Well, once the battle between the Skrulls and Kree reaches the planet home to a young government agent named Nicholas J. Fury (Samuel L. Jackson) and the newly hired Agent Coulson (Clark Gregg), Vers – as she is known among the Kree – is about to find out. 

And the Marvel Universe will never be the same once she does. 

THE REVIEW: Despite all the efforts multiple entities have made, Marvel Studios president Kevin Feige and his team obviously either have not received or simply have ignored the current anti-bullying effort sweeping across America. Because every time he and his cohorts release a new superhero/comic book-based film from Marvel’s expansive collection, it serves to simply remind all D.C. Comics fans that while they can continue to hold out hope, hope is all they have at this point. For if this was a fight, the referee would have called it at this point or let D.C. face an Apollo Creed-like fate at the hands of Marvel’s Ivan Drago.

Captain Marvel is the latest proof that anything D.C. can do, Marvel can do and possibly always do better – and it’s not even close.

Don’t get me wrong: Patty Jenkins’ stellar Wonder Woman is arguably the best D.C. Comics movie ever made. (Christopher Nolan’s Dark Knight trilogy is its own thing; it’s like comparing Michael Jordan’s championships to Robert Horry’s. Sorry Big Shot Rob, but it’s true!) And while Captain Marvel may not be quite as good as the lady with the golden lasso, it’s really good and does something far better than any D.C. release in terms of (1) introducing a character that (2) has a major significance to (3) an entire cinematic universe that (4) only keeps getting better as it expands.

Whereas Justice League was an utter atrocity compared to Wonder Woman (and well, most superhero films in general), Captain Marvel hits all the beats is needs in anticipation of next month’s Avengers: Endgame and then some. Larson, an actress that one could argue wouldn’t likely come to most moviegoers’ minds when they think of a potential action star, gives her version of Carol Danvers a sly sense of humor and all the confidence needed to make her believable in the role.
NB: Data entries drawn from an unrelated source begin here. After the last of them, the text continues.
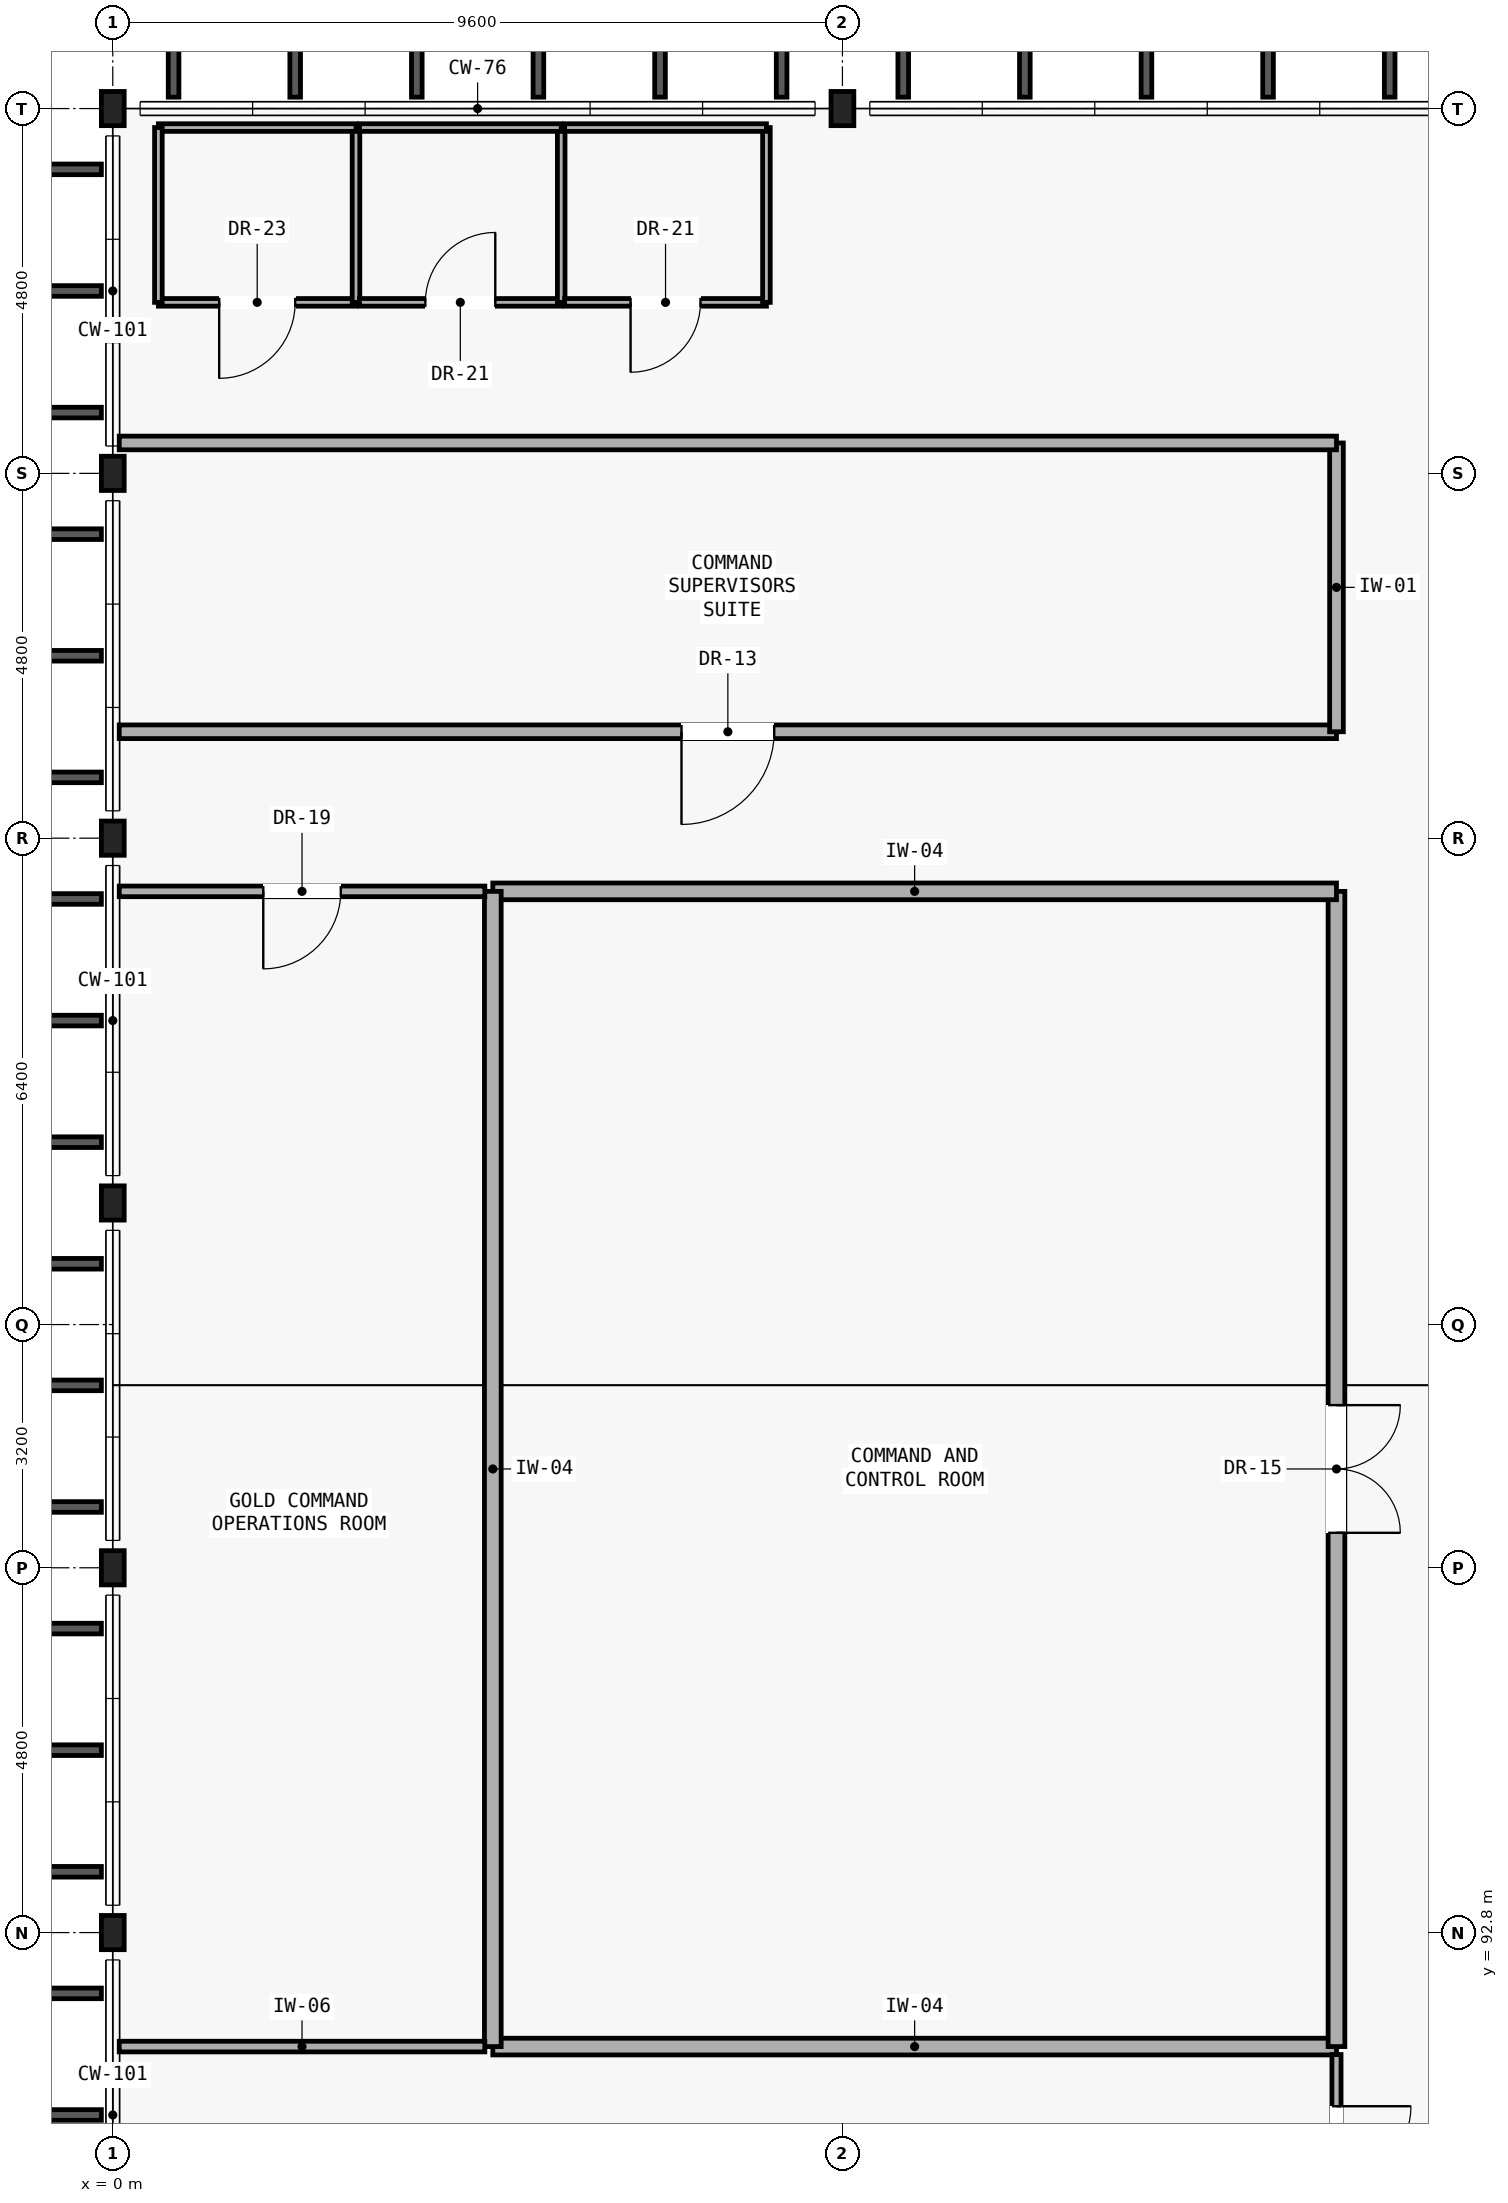
"""IFC4 building model, lengths in metres.
Left out: names, types, materials, properties, quantities, classifications, styles, units other than length and angle.
Written with IfcOpenShell. Run it as: python <this file> out.ifc"""

import sys

from ifc_helpers import new_model, si_unit, direction, frame, frame_2d, origin, origin_2d, place, context, subcontext, project, spatial, rectangle, i_section, extrude, element, fill, save


model = new_model("IFC4")
c1 = context("Model", 3, precision=1e-05, world=origin(), true_north=direction((0.0, 1.0)))
c2 = subcontext(c1, "Body", "Model", "MODEL_VIEW")
j1 = project(units=[si_unit("LENGTHUNIT", "METRE"), si_unit("PLANEANGLEUNIT", "RADIAN")], contexts=[c1])
p1 = place(None, origin())
s1 = spatial("IfcSite", under=j1, at=p1, CompositionType="ELEMENT")
p2 = place(p1, origin())
s2 = spatial("IfcBuilding", under=s1, at=p2, CompositionType="ELEMENT")
p3 = place(p2, frame((0.0, 0.0, 26.25)))
s3 = spatial("IfcBuildingStorey", under=s2, at=p3, CompositionType="ELEMENT", Elevation=26.25)
for number, where, z_axis, x_axis in (
    (1, (0.0, 92.8, 0.0), (0.0, 0.0, 1.0), (1.0, 0.0, 0.0)),
    (2, (0.0, 97.6, 0.0), (0.0, 0.0, 1.0), (1.0, 0.0, 0.0)),
    (3, (0.0, 102.4, 0.0), (0.0, 0.0, 1.0), (1.0, 0.0, 0.0)),
    (4, (0.0, 107.2, 0.0), (0.0, 0.0, 1.0), (1.0, 0.0, 0.0)),
    (5, (0.0, 112.0, 0.0), (0.0, 0.0, 1.0), (1.0, 0.0, 0.0)),
    (6, (0.0, 116.8, 0.0), (0.0, 0.0, 1.0), (1.0, 0.0, 0.0)),
    (7, (9.6, 116.8, 0.0), (0.0, 0.0, 1.0), (1.0, 0.0, 0.0)),
):
    element("IfcColumn", number, at=place(p3, frame(where, z_axis=z_axis, x_axis=x_axis)), inside=s3, PredefinedType="COLUMN", context=c2, shape_type="SweptSolid", body=[
        extrude(i_section(OverallWidth=0.3, OverallDepth=0.45, WebThickness=0.014, FlangeThickness=0.026, FilletRadius=0.027, at=origin_2d()), origin(), (0.0, 0.0, 1.0), 4.9),
    ])
p4 = place(p3, frame((5.0, 91.3, 0.0), z_axis=(0.0, 0.0, 1.0), x_axis=(1.0, 0.0, 0.0)))
e8 = element("IfcWall", 8, at=p4, inside=s3, PredefinedType="PARTITIONING", context=c2, shape_type="SweptSolid", body=[
    extrude(rectangle(XDim=11.1, YDim=0.22, at=frame_2d((5.55, 0.0))), origin(), (0.0, 0.0, 1.0), 4.71),
])
p5 = place(p3, frame((16.1, 91.3, 0.0), z_axis=(0.0, 0.0, 1.0), x_axis=(0.0, 1.0, 0.0)))
e9 = element("IfcWall", 9, at=p5, inside=s3, PredefinedType="PARTITIONING", context=c2, shape_type="SweptSolid", body=[
    extrude(rectangle(XDim=15.2, YDim=0.22, at=frame_2d((7.6, 0.0))), origin(), (0.0, 0.0, 1.0), 4.71),
])
p6 = place(p5, frame((6.76, 0.0, 0.0)))
e10 = element("IfcOpeningElement", 10, at=p6, cuts=e9, PredefinedType="OPENING", context=c2, shape_type="SweptSolid", body=[
    extrude(rectangle(XDim=1.68, YDim=2.2, at=frame_2d((0.84, 1.1))), frame((0.0, 0.12, 0.0), z_axis=(0.0, -1.0, 0.0), x_axis=(1.0, 0.0, 0.0)), (0.0, 0.0, 1.0), 0.24),
])
p7 = place(p3, frame((16.1, 106.5, 0.0), z_axis=(0.0, 0.0, 1.0), x_axis=(-1.0, 0.0, 0.0)))
e11 = element("IfcWall", 11, at=p7, inside=s3, PredefinedType="PARTITIONING", context=c2, shape_type="SweptSolid", body=[
    extrude(rectangle(XDim=11.1, YDim=0.22, at=frame_2d((5.55, 0.0))), origin(), (0.0, 0.0, 1.0), 4.71),
])
p8 = place(p3, frame((5.0, 106.5, 0.0), z_axis=(0.0, 0.0, 1.0), x_axis=(0.0, -1.0, 0.0)))
e12 = element("IfcWall", 12, at=p8, inside=s3, PredefinedType="PARTITIONING", context=c2, shape_type="SweptSolid", body=[
    extrude(rectangle(XDim=15.2, YDim=0.22, at=frame_2d((7.6, 0.0))), origin(), (0.0, 0.0, 1.0), 4.71),
])
p9 = place(p3, frame((0.085, 91.3, 0.0), z_axis=(0.0, 0.0, 1.0), x_axis=(1.0, 0.0, 0.0)))
e13 = element("IfcWall", 13, at=p9, inside=s3, PredefinedType="PARTITIONING", context=c2, shape_type="SweptSolid", body=[
    extrude(rectangle(XDim=4.81, YDim=0.14, at=frame_2d((2.405, 0.0))), origin(), (0.0, 0.0, 1.0), 4.71),
])
p10 = place(p3, frame((4.895, 106.5, 0.0), z_axis=(0.0, 0.0, 1.0), x_axis=(-1.0, 0.0, 0.0)))
e14 = element("IfcWall", 14, at=p10, inside=s3, PredefinedType="PARTITIONING", context=c2, shape_type="SweptSolid", body=[
    extrude(rectangle(XDim=4.81, YDim=0.14, at=frame_2d((2.405, 0.0))), origin(), (0.0, 0.0, 1.0), 4.71),
])
p11 = place(p10, frame((1.895, 0.0, 0.0)))
e15 = element("IfcOpeningElement", 15, at=p11, cuts=e14, PredefinedType="OPENING", context=c2, shape_type="SweptSolid", body=[
    extrude(rectangle(XDim=1.02, YDim=2.1, at=frame_2d((0.51, 1.05))), frame((0.0, 0.08, 0.0), z_axis=(0.0, -1.0, 0.0), x_axis=(1.0, 0.0, 0.0)), (0.0, 0.0, 1.0), 0.16),
])
p12 = place(p3, frame((0.085, 108.6, 0.0), z_axis=(0.0, 0.0, 1.0), x_axis=(1.0, 0.0, 0.0)))
e16 = element("IfcWall", 16, at=p12, inside=s3, PredefinedType="PARTITIONING", context=c2, shape_type="SweptSolid", body=[
    extrude(rectangle(XDim=16.015, YDim=0.18, at=frame_2d((8.008, 0.0))), origin(), (0.0, 0.0, 1.0), 4.71),
])
p13 = place(p12, frame((7.397, 0.0, 0.0)))
e17 = element("IfcOpeningElement", 17, at=p13, cuts=e16, PredefinedType="OPENING", context=c2, shape_type="SweptSolid", body=[
    extrude(rectangle(XDim=1.22, YDim=2.1, at=frame_2d((0.61, 1.05))), frame((0.0, 0.1, 0.0), z_axis=(0.0, -1.0, 0.0), x_axis=(1.0, 0.0, 0.0)), (0.0, 0.0, 1.0), 0.2),
])
p14 = place(p3, frame((16.1, 108.6, 0.0), z_axis=(0.0, 0.0, 1.0), x_axis=(0.0, 1.0, 0.0)))
e18 = element("IfcWall", 18, at=p14, inside=s3, PredefinedType="PARTITIONING", context=c2, shape_type="SweptSolid", body=[
    extrude(rectangle(XDim=3.8, YDim=0.18, at=frame_2d((1.9, 0.0))), origin(), (0.0, 0.0, 1.0), 4.71),
])
p15 = place(p3, frame((16.1, 112.4, 0.0), z_axis=(0.0, 0.0, 1.0), x_axis=(-1.0, 0.0, 0.0)))
e19 = element("IfcWall", 19, at=p15, inside=s3, PredefinedType="PARTITIONING", context=c2, shape_type="SweptSolid", body=[
    extrude(rectangle(XDim=16.015, YDim=0.18, at=frame_2d((8.008, 0.0))), origin(), (0.0, 0.0, 1.0), 4.71),
])
p16 = place(p3, frame((0.6, 114.25, 0.0), z_axis=(0.0, 0.0, 1.0), x_axis=(1.0, 0.0, 0.0)))
e20 = element("IfcWall", 20, at=p16, inside=s3, PredefinedType="PARTITIONING", context=c2, shape_type="SweptSolid", body=[
    extrude(rectangle(XDim=2.6, YDim=0.1, at=frame_2d((1.3, 0.0))), origin(), (0.0, 0.0, 1.0), 4.19),
])
p17 = place(p16, frame((0.8, 0.0, 0.0)))
e21 = element("IfcOpeningElement", 21, at=p17, cuts=e20, PredefinedType="OPENING", context=c2, shape_type="SweptSolid", body=[
    extrude(rectangle(XDim=1.0, YDim=2.08, at=frame_2d((0.5, 1.04))), frame((0.0, 0.06, 0.0), z_axis=(0.0, -1.0, 0.0), x_axis=(1.0, 0.0, 0.0)), (0.0, 0.0, 1.0), 0.12),
])
p18 = place(p3, frame((3.2, 114.25, 0.0), z_axis=(0.0, 0.0, 1.0), x_axis=(0.0, 1.0, 0.0)))
e22 = element("IfcWall", 22, at=p18, inside=s3, PredefinedType="PARTITIONING", context=c2, shape_type="SweptSolid", body=[
    extrude(rectangle(XDim=2.3, YDim=0.1, at=frame_2d((1.15, 0.0))), origin(), (0.0, 0.0, 1.0), 4.71),
])
p19 = place(p3, frame((3.2, 116.55, 0.0), z_axis=(0.0, 0.0, 1.0), x_axis=(-1.0, 0.0, 0.0)))
e23 = element("IfcWall", 23, at=p19, inside=s3, PredefinedType="PARTITIONING", context=c2, shape_type="SweptSolid", body=[
    extrude(rectangle(XDim=2.6, YDim=0.1, at=frame_2d((1.3, 0.0))), origin(), (0.0, 0.0, 1.0), 3.89),
])
p20 = place(p3, frame((0.6, 116.55, 0.0), z_axis=(0.0, 0.0, 1.0), x_axis=(0.0, -1.0, 0.0)))
e24 = element("IfcWall", 24, at=p20, inside=s3, PredefinedType="PARTITIONING", context=c2, shape_type="SweptSolid", body=[
    extrude(rectangle(XDim=2.3, YDim=0.1, at=frame_2d((1.15, 0.0))), origin(), (0.0, 0.0, 1.0), 4.71),
])
p21 = place(p3, frame((3.245, 114.25, 0.0), z_axis=(0.0, 0.0, 1.0), x_axis=(1.0, 0.0, 0.0)))
e25 = element("IfcWall", 25, at=p21, inside=s3, PredefinedType="PARTITIONING", context=c2, shape_type="SweptSolid", body=[
    extrude(rectangle(XDim=2.655, YDim=0.1, at=frame_2d((1.327, 0.0))), origin(), (0.0, 0.0, 1.0), 4.19),
])
p22 = place(p21, frame((0.867, 0.0, 0.0)))
e26 = element("IfcOpeningElement", 26, at=p22, cuts=e25, PredefinedType="OPENING", context=c2, shape_type="SweptSolid", body=[
    extrude(rectangle(XDim=0.92, YDim=2.08, at=frame_2d((0.46, 1.04))), frame((0.0, 0.06, 0.0), z_axis=(0.0, -1.0, 0.0), x_axis=(1.0, 0.0, 0.0)), (0.0, 0.0, 1.0), 0.12),
])
p23 = place(p3, frame((5.9, 114.25, 0.0), z_axis=(0.0, 0.0, 1.0), x_axis=(0.0, 1.0, 0.0)))
e27 = element("IfcWall", 27, at=p23, inside=s3, PredefinedType="PARTITIONING", context=c2, shape_type="SweptSolid", body=[
    extrude(rectangle(XDim=2.3, YDim=0.1, at=frame_2d((1.15, 0.0))), origin(), (0.0, 0.0, 1.0), 4.71),
])
p24 = place(p3, frame((5.9, 116.55, 0.0), z_axis=(0.0, 0.0, 1.0), x_axis=(-1.0, 0.0, 0.0)))
e28 = element("IfcWall", 28, at=p24, inside=s3, PredefinedType="PARTITIONING", context=c2, shape_type="SweptSolid", body=[
    extrude(rectangle(XDim=2.655, YDim=0.1, at=frame_2d((1.327, 0.0))), origin(), (0.0, 0.0, 1.0), 3.89),
])
p25 = place(p3, frame((5.945, 114.25, 0.0), z_axis=(0.0, 0.0, 1.0), x_axis=(1.0, 0.0, 0.0)))
e29 = element("IfcWall", 29, at=p25, inside=s3, PredefinedType="PARTITIONING", context=c2, shape_type="SweptSolid", body=[
    extrude(rectangle(XDim=2.655, YDim=0.1, at=frame_2d((1.328, 0.0))), origin(), (0.0, 0.0, 1.0), 4.19),
])
p26 = place(p25, frame((0.867, 0.0, 0.0)))
e30 = element("IfcOpeningElement", 30, at=p26, cuts=e29, PredefinedType="OPENING", context=c2, shape_type="SweptSolid", body=[
    extrude(rectangle(XDim=0.92, YDim=2.08, at=frame_2d((0.46, 1.04))), frame((0.0, 0.06, 0.0), z_axis=(0.0, -1.0, 0.0), x_axis=(1.0, 0.0, 0.0)), (0.0, 0.0, 1.0), 0.12),
])
p27 = place(p3, frame((8.6, 114.25, 0.0), z_axis=(0.0, 0.0, 1.0), x_axis=(0.0, 1.0, 0.0)))
e31 = element("IfcWall", 31, at=p27, inside=s3, PredefinedType="PARTITIONING", context=c2, shape_type="SweptSolid", body=[
    extrude(rectangle(XDim=2.3, YDim=0.1, at=frame_2d((1.15, 0.0))), origin(), (0.0, 0.0, 1.0), 4.71),
])
p28 = place(p3, frame((8.6, 116.55, 0.0), z_axis=(0.0, 0.0, 1.0), x_axis=(-1.0, 0.0, 0.0)))
e32 = element("IfcWall", 32, at=p28, inside=s3, PredefinedType="PARTITIONING", context=c2, shape_type="SweptSolid", body=[
    extrude(rectangle(XDim=2.655, YDim=0.1, at=frame_2d((1.328, 0.0))), origin(), (0.0, 0.0, 1.0), 3.89),
])
p29 = place(p3, frame((16.1, 88.855, 0.0), z_axis=(0.0, 0.0, 1.0), x_axis=(0.0, 1.0, 0.0)))
e33 = element("IfcWall", 33, at=p29, inside=s3, PredefinedType="PARTITIONING", context=c2, shape_type="SweptSolid", body=[
    extrude(rectangle(XDim=2.34, YDim=0.12, at=frame_2d((1.17, 0.0))), origin(), (0.0, 0.0, 1.0), 4.71),
])
p30 = place(p29, frame((0.68, 0.0, 0.0)))
e34 = element("IfcOpeningElement", 34, at=p30, cuts=e33, PredefinedType="OPENING", context=c2, shape_type="SweptSolid", body=[
    extrude(rectangle(XDim=0.98, YDim=2.1, at=frame_2d((0.49, 1.05))), frame((0.0, 0.07, 0.0), z_axis=(0.0, -1.0, 0.0), x_axis=(1.0, 0.0, 0.0)), (0.0, 0.0, 1.0), 0.14),
])
p31 = place(p6, frame((1.68, 0.0, 0.0), z_axis=(0.0, 0.0, 1.0), x_axis=(-1.0, 0.0, 0.0)))
e35 = element("IfcDoor", 35, at=p31, inside=s3, OperationType="DOUBLE_DOOR_SINGLE_SWING", PredefinedType="DOOR", context=c2, shape_type="SweptSolid", body=[
    extrude(rectangle(XDim=1.68, YDim=2.2, at=frame_2d((0.84, 1.1))), frame((0.0, 0.025, 0.0), z_axis=(0.0, -1.0, 0.0), x_axis=(1.0, 0.0, 0.0)), (0.0, 0.0, 1.0), 0.05),
])
fill(e10, e35)
p32 = place(p11, origin())
e36 = element("IfcDoor", 36, at=p32, inside=s3, OperationType="SINGLE_SWING_RIGHT", PredefinedType="DOOR", context=c2, shape_type="SweptSolid", body=[
    extrude(rectangle(XDim=1.02, YDim=2.1, at=frame_2d((0.51, 1.05))), frame((0.0, 0.025, 0.0), z_axis=(0.0, -1.0, 0.0), x_axis=(1.0, 0.0, 0.0)), (0.0, 0.0, 1.0), 0.05),
])
fill(e15, e36)
p33 = place(p13, frame((1.22, 0.0, 0.0), z_axis=(0.0, 0.0, 1.0), x_axis=(-1.0, 0.0, 0.0)))
e37 = element("IfcDoor", 37, at=p33, inside=s3, OperationType="SINGLE_SWING_LEFT", PredefinedType="DOOR", context=c2, shape_type="SweptSolid", body=[
    extrude(rectangle(XDim=1.22, YDim=2.1, at=frame_2d((0.61, 1.05))), frame((0.0, 0.025, 0.0), z_axis=(0.0, -1.0, 0.0), x_axis=(1.0, 0.0, 0.0)), (0.0, 0.0, 1.0), 0.05),
])
fill(e17, e37)
p34 = place(p17, frame((1.0, 0.0, 0.0), z_axis=(0.0, 0.0, 1.0), x_axis=(-1.0, 0.0, 0.0)))
e38 = element("IfcDoor", 38, at=p34, inside=s3, OperationType="SINGLE_SWING_LEFT", PredefinedType="DOOR", context=c2, shape_type="SweptSolid", body=[
    extrude(rectangle(XDim=1.0, YDim=2.08, at=frame_2d((0.5, 1.04))), frame((0.0, 0.025, 0.0), z_axis=(0.0, -1.0, 0.0), x_axis=(1.0, 0.0, 0.0)), (0.0, 0.0, 1.0), 0.05),
])
fill(e21, e38)
p35 = place(p22, origin())
e39 = element("IfcDoor", 39, at=p35, inside=s3, OperationType="SINGLE_SWING_RIGHT", PredefinedType="DOOR", context=c2, shape_type="SweptSolid", body=[
    extrude(rectangle(XDim=0.92, YDim=2.08, at=frame_2d((0.46, 1.04))), frame((0.0, 0.025, 0.0), z_axis=(0.0, -1.0, 0.0), x_axis=(1.0, 0.0, 0.0)), (0.0, 0.0, 1.0), 0.05),
])
fill(e26, e39)
p36 = place(p26, frame((0.92, 0.0, 0.0), z_axis=(0.0, 0.0, 1.0), x_axis=(-1.0, 0.0, 0.0)))
e40 = element("IfcDoor", 40, at=p36, inside=s3, OperationType="SINGLE_SWING_LEFT", PredefinedType="DOOR", context=c2, shape_type="SweptSolid", body=[
    extrude(rectangle(XDim=0.92, YDim=2.08, at=frame_2d((0.46, 1.04))), frame((0.0, 0.025, 0.0), z_axis=(0.0, -1.0, 0.0), x_axis=(1.0, 0.0, 0.0)), (0.0, 0.0, 1.0), 0.05),
])
fill(e30, e40)
p37 = place(p30, frame((0.98, 0.0, 0.0), z_axis=(0.0, 0.0, 1.0), x_axis=(-1.0, 0.0, 0.0)))
e41 = element("IfcDoor", 41, at=p37, inside=s3, OperationType="SINGLE_SWING_RIGHT", PredefinedType="DOOR", context=c2, shape_type="SweptSolid", body=[
    extrude(rectangle(XDim=0.98, YDim=2.1, at=frame_2d((0.49, 1.05))), frame((0.0, 0.025, 0.0), z_axis=(0.0, -1.0, 0.0), x_axis=(1.0, 0.0, 0.0)), (0.0, 0.0, 1.0), 0.05),
])
fill(e34, e41)
save(model, sys.argv[1])

One can almost imagine Wonder Woman star Gal Gadot calling her agent and saying “You mean I could have done THAT superhero movie?!” with all the furor of the average NFL star demanding a trade from a contending team, only to end up on the NY Jets. Larson’s evolution of the character works in a way an established action star’s would not, all of which Carol Danvers a marvelous captain of her own ship (or as the case may be, plane).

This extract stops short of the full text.